When are Corporation Tax returns due? +
Your return is due 12 months after your accounting period ends, but payment is due earlier — 9 months and 1 day after. Which is usually the same as 9 months post anniversary of your company. This means that if your company is incorporated in January 2024, your company anniversary would be January 2025. And you must file and pay any corporate tax (accounting records) before the end of October 2025.
Are there accounting software options? +
Yes, software like Xero, QuickBooks, and FreeAgent help manage your finances.
What is Making Tax Digital (MTD)? +
MTD requires VAT-registered businesses to keep digital records and submit VAT returns using compatible software.
Do dormant companies need to file accounts? +
Yes, dormant companies must still file annual accounts and a Confirmation Statement. We offer dormant company accountants and confirmation statement filing services.
Is filing and Paying Corporate tax the same thing? +
Please note that filing and paying corporate tax are two different things. Filing corporate tax is the same as submitting your company's accounting records to Companies House and HMRC. While paying corporate tax is done after filing has been completed and there are profits in the accounting records. This means you have to pay corporate tax from the profit recorded in the accounting records.
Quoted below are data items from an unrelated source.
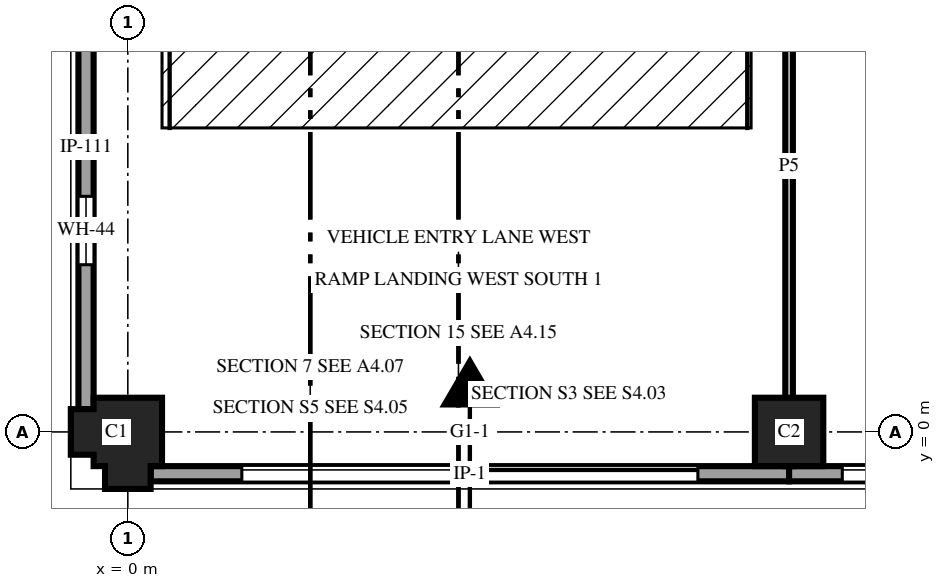
"""IFC4 building model, lengths in metres.
Left out: names, types, materials, properties, quantities, classifications, styles, units other than length and angle.
Written with IfcOpenShell. Run it as: python <this file> out.ifc"""

import sys

from ifc_helpers import new_model, si_unit, direction, frame, frame_2d, origin, place, context, subcontext, project, spatial, polyline, rectangle, outline, extrude, element, fill, save


model = new_model("IFC4")
c1 = context("Model", 3, precision=1e-05, world=origin(), true_north=direction((0.0, 1.0)))
c2 = subcontext(c1, "Body", "Model", "MODEL_VIEW")
j1 = project(units=[si_unit("LENGTHUNIT", "METRE"), si_unit("PLANEANGLEUNIT", "RADIAN")], contexts=[c1])
p1 = place(None, origin())
s1 = spatial("IfcSite", under=j1, at=p1, CompositionType="ELEMENT")
p2 = place(p1, origin())
s2 = spatial("IfcBuilding", under=s1, at=p2, CompositionType="ELEMENT")
p3 = place(p2, origin())
s3 = spatial("IfcBuildingStorey", under=s2, at=p3, CompositionType="ELEMENT", Elevation=0.0)
p4 = place(p3, frame((0.0, 0.0, 0.0), z_axis=(0.0, 0.0, 1.0), x_axis=(-1.0, 0.0, 0.0)))
e1 = element("IfcColumn", 1, at=p4, inside=s3, PredefinedType="COLUMN", context=c2, shape_type="SweptSolid", body=[
    extrude(outline(polyline([(-0.45, -0.45), (0.45, -0.45), (0.45, -0.3), (0.75, -0.3), (0.75, 0.3), (0.45, 0.3), (0.45, 0.45), (0.3, 0.45), (0.3, 0.75), (-0.3, 0.75), (-0.3, 0.45), (-0.45, 0.45), (-0.45, -0.45)])), origin(), (0.0, 0.0, 1.0), 4.5),
])
p5 = place(p3, frame((8.7, 0.0, 0.0), z_axis=(0.0, 0.0, 1.0), x_axis=(1.0, 0.0, 0.0)))
e2 = element("IfcColumn", 2, at=p5, inside=s3, PredefinedType="COLUMN", context=c2, shape_type="SweptSolid", body=[
    extrude(outline(polyline([(-0.45, -0.45), (0.45, -0.45), (0.45, 0.45), (-0.45, 0.45), (-0.45, -0.45)])), origin(), (0.0, 0.0, 1.0), 4.5),
])
p6 = place(p3, frame((0.3, -0.55, 0.0), z_axis=(0.0, 0.0, 1.0), x_axis=(1.0, 0.0, 0.0)))
e3 = element("IfcWall", 3, at=p6, inside=s3, PredefinedType="SOLIDWALL", context=c2, shape_type="SweptSolid", body=[
    extrude(outline(polyline([(0.0, 0.0), (8.4, 0.0), (8.4, 2.9), (7.502, 2.9), (7.5, 2.8), (7.087, 2.812), (6.675, 2.822), (6.262, 2.831), (5.85, 2.837), (5.438, 2.843), (5.025, 2.847), (4.613, 2.849), (4.2, 2.85), (3.788, 2.849), (3.375, 2.847), (2.962, 2.843), (2.55, 2.837), (2.137, 2.831), (1.725, 2.822), (1.312, 2.812), (0.9, 2.8), (0.898, 2.9), (0.0, 2.9), (0.0, 0.0)])), frame((0.0, 0.1, 0.0), z_axis=(0.0, -1.0, 0.0), x_axis=(1.0, 0.0, 0.0)), (0.0, 0.0, 1.0), 0.2),
])
p7 = place(p6, frame((1.2, 0.0, 0.0)))
e4 = element("IfcOpeningElement", 4, at=p7, cuts=e3, PredefinedType="OPENING", context=c2, shape_type="SweptSolid", body=[
    extrude(rectangle(XDim=6.0, YDim=2.65, at=frame_2d((3.0, 1.325))), frame((0.0, 0.11, 0.0), z_axis=(0.0, -1.0, 0.0), x_axis=(1.0, 0.0, 0.0)), (0.0, 0.0, 1.0), 0.22),
])
p8 = place(p3, frame((8.7, -0.55, 0.0), z_axis=(0.0, 0.0, 1.0), x_axis=(1.0, 0.0, 0.0)))
e5 = element("IfcWall", 5, at=p8, inside=s3, PredefinedType="SOLIDWALL", context=c2, shape_type="SweptSolid", body=[
    extrude(outline(polyline([(0.0, 0.0), (8.4, 0.0), (8.4, 2.9), (8.102, 2.9), (8.1, 2.8), (7.613, 2.812), (7.125, 2.822), (6.637, 2.831), (6.15, 2.837), (5.663, 2.843), (5.175, 2.847), (4.688, 2.849), (4.2, 2.85), (3.712, 2.849), (3.225, 2.847), (2.738, 2.843), (2.25, 2.837), (1.762, 2.831), (1.275, 2.822), (0.788, 2.812), (0.3, 2.8), (0.298, 2.9), (0.0, 2.9), (0.0, 0.0)])), frame((0.0, 0.1, 0.0), z_axis=(0.0, -1.0, 0.0), x_axis=(1.0, 0.0, 0.0)), (0.0, 0.0, 1.0), 0.2),
])
p9 = place(p8, frame((0.7, 0.0, 0.0)))
e6 = element("IfcOpeningElement", 6, at=p9, cuts=e5, PredefinedType="OPENING", context=c2, shape_type="SweptSolid", body=[
    extrude(rectangle(XDim=5.4, YDim=2.65, at=frame_2d((2.7, 1.325))), frame((0.0, 0.11, 0.0), z_axis=(0.0, -1.0, 0.0), x_axis=(1.0, 0.0, 0.0)), (0.0, 0.0, 1.0), 0.22),
])
p10 = place(p8, frame((6.6, 0.0, 0.0)))
e7 = element("IfcOpeningElement", 7, at=p10, cuts=e5, PredefinedType="OPENING", context=c2, shape_type="SweptSolid", body=[
    extrude(rectangle(XDim=1.1, YDim=2.1, at=frame_2d((0.55, 1.05))), frame((0.0, 0.11, 0.0), z_axis=(0.0, -1.0, 0.0), x_axis=(1.0, 0.0, 0.0)), (0.0, 0.0, 1.0), 0.22),
])
p11 = place(p3, frame((-0.55, 7.2, 0.0), z_axis=(0.0, 0.0, 1.0), x_axis=(0.0, -1.0, 0.0)))
e8 = element("IfcWall", 8, at=p11, inside=s3, PredefinedType="SOLIDWALL", context=c2, shape_type="SweptSolid", body=[
    extrude(outline(polyline([(0.0, 0.0), (6.9, 0.0), (6.9, 3.1), (6.002, 3.1), (6.0, 2.4), (5.681, 2.56), (5.363, 2.695), (5.044, 2.806), (4.725, 2.895), (4.406, 2.963), (4.087, 3.012), (3.769, 3.041), (3.45, 3.05), (3.131, 3.041), (2.812, 3.012), (2.494, 2.963), (2.175, 2.895), (1.856, 2.806), (1.538, 2.695), (1.219, 2.56), (0.9, 2.4), (0.898, 3.1), (0.0, 3.1), (0.0, 0.0)])), frame((0.0, 0.1, 0.0), z_axis=(0.0, -1.0, 0.0), x_axis=(1.0, 0.0, 0.0)), (0.0, 0.0, 1.0), 0.2),
])
p12 = place(p11, frame((4.1, 0.0, 2.4)))
e9 = element("IfcOpeningElement", 9, at=p12, cuts=e8, PredefinedType="OPENING", context=c2, shape_type="SweptSolid", body=[
    extrude(rectangle(XDim=0.9, YDim=0.32, at=frame_2d((0.45, 0.16))), frame((0.0, 0.11, 0.0), z_axis=(0.0, -1.0, 0.0), x_axis=(1.0, 0.0, 0.0)), (0.0, 0.0, 1.0), 0.22),
])
p13 = place(p3, frame((8.7, 7.45, 0.0), z_axis=(0.0, 0.0, 1.0), x_axis=(0.0, -1.0, 0.0)))
e10 = element("IfcWall", 10, at=p13, inside=s3, PredefinedType="PARTITIONING", context=c2, shape_type="SweptSolid", body=[
    extrude(rectangle(XDim=7.9, YDim=0.1, at=frame_2d((3.95, 0.0))), origin(), (0.0, 0.0, 1.0), 3.4),
])
p14 = place(p7, frame((6.0, 0.0, 0.0), z_axis=(0.0, 0.0, 1.0), x_axis=(-1.0, 0.0, 0.0)))
e11 = element("IfcDoor", 11, at=p14, inside=s3, OperationType="SINGLE_SWING_LEFT", PredefinedType="GATE", context=c2, shape_type="SweptSolid", body=[
    extrude(rectangle(XDim=6.0, YDim=2.65, at=frame_2d((3.0, 1.325))), frame((0.0, 0.025, 0.0), z_axis=(0.0, -1.0, 0.0), x_axis=(1.0, 0.0, 0.0)), (0.0, 0.0, 1.0), 0.05),
])
fill(e4, e11)
p15 = place(p9, frame((5.4, 0.0, 0.0), z_axis=(0.0, 0.0, 1.0), x_axis=(-1.0, 0.0, 0.0)))
e12 = element("IfcDoor", 12, at=p15, inside=s3, OperationType="SINGLE_SWING_LEFT", PredefinedType="GATE", context=c2, shape_type="SweptSolid", body=[
    extrude(rectangle(XDim=5.4, YDim=2.65, at=frame_2d((2.7, 1.325))), frame((0.0, 0.025, 0.0), z_axis=(0.0, -1.0, 0.0), x_axis=(1.0, 0.0, 0.0)), (0.0, 0.0, 1.0), 0.05),
])
fill(e6, e12)
p16 = place(p12, origin())
e13 = element("IfcWindow", 13, at=p16, inside=s3, PartitioningType="SINGLE_PANEL", PredefinedType="WINDOW", context=c2, shape_type="SweptSolid", body=[
    extrude(rectangle(XDim=0.9, YDim=0.32, at=frame_2d((0.45, 0.16))), frame((0.0, 0.03, 0.0), z_axis=(0.0, -1.0, 0.0), x_axis=(1.0, 0.0, 0.0)), (0.0, 0.0, 1.0), 0.06),
])
fill(e9, e13)
save(model, sys.argv[1])

Can you help with my company's accounting services? +
We only offer dormant company accounts for companies that did not trade during the accounting period that needs to be filed. If your company has traded during the accounting period we will have to refer you to an independent accountant for corporate tax and accounting assistance.
When does a UK company need to register for VAT? +
  • VAT is not mandatory for UK companies. It is only mandatory when a company reaches the VAT threshold which is over £90,000 in sales/revenue within any 12 months period.
  • That means if the company earns more than £90,000 from selling goods or services within any 12 months time frame, it has to register for VAT and start charging VAT.
  • A company can choose to register even if it makes less than £90,000 within any 12 months period or to claim back VAT they pay on supplies.
  • Once registered: you have to Add VAT to prices, Keep track of VAT you pay, Send reports to HMRC (usually every 3 months) and pay the difference.
How does VAT work for a UK company? +
  • Let's say you run a company that sells handmade mugs:
  • You buy clay and paint to make mugs. You pay VAT on these items (let's say £20 of VAT). You sell your mugs to customers and add VAT to your prices (say you collect £40 of VAT).
  • You inform HMRC: "Hey, I collected £40 of VAT from my customers, but I already paid £20 in VAT when I bought supplies."
  • So, you only remit £20 to HMRC (that's £40 collected minus £20 paid). That's called "charging and reclaiming VAT."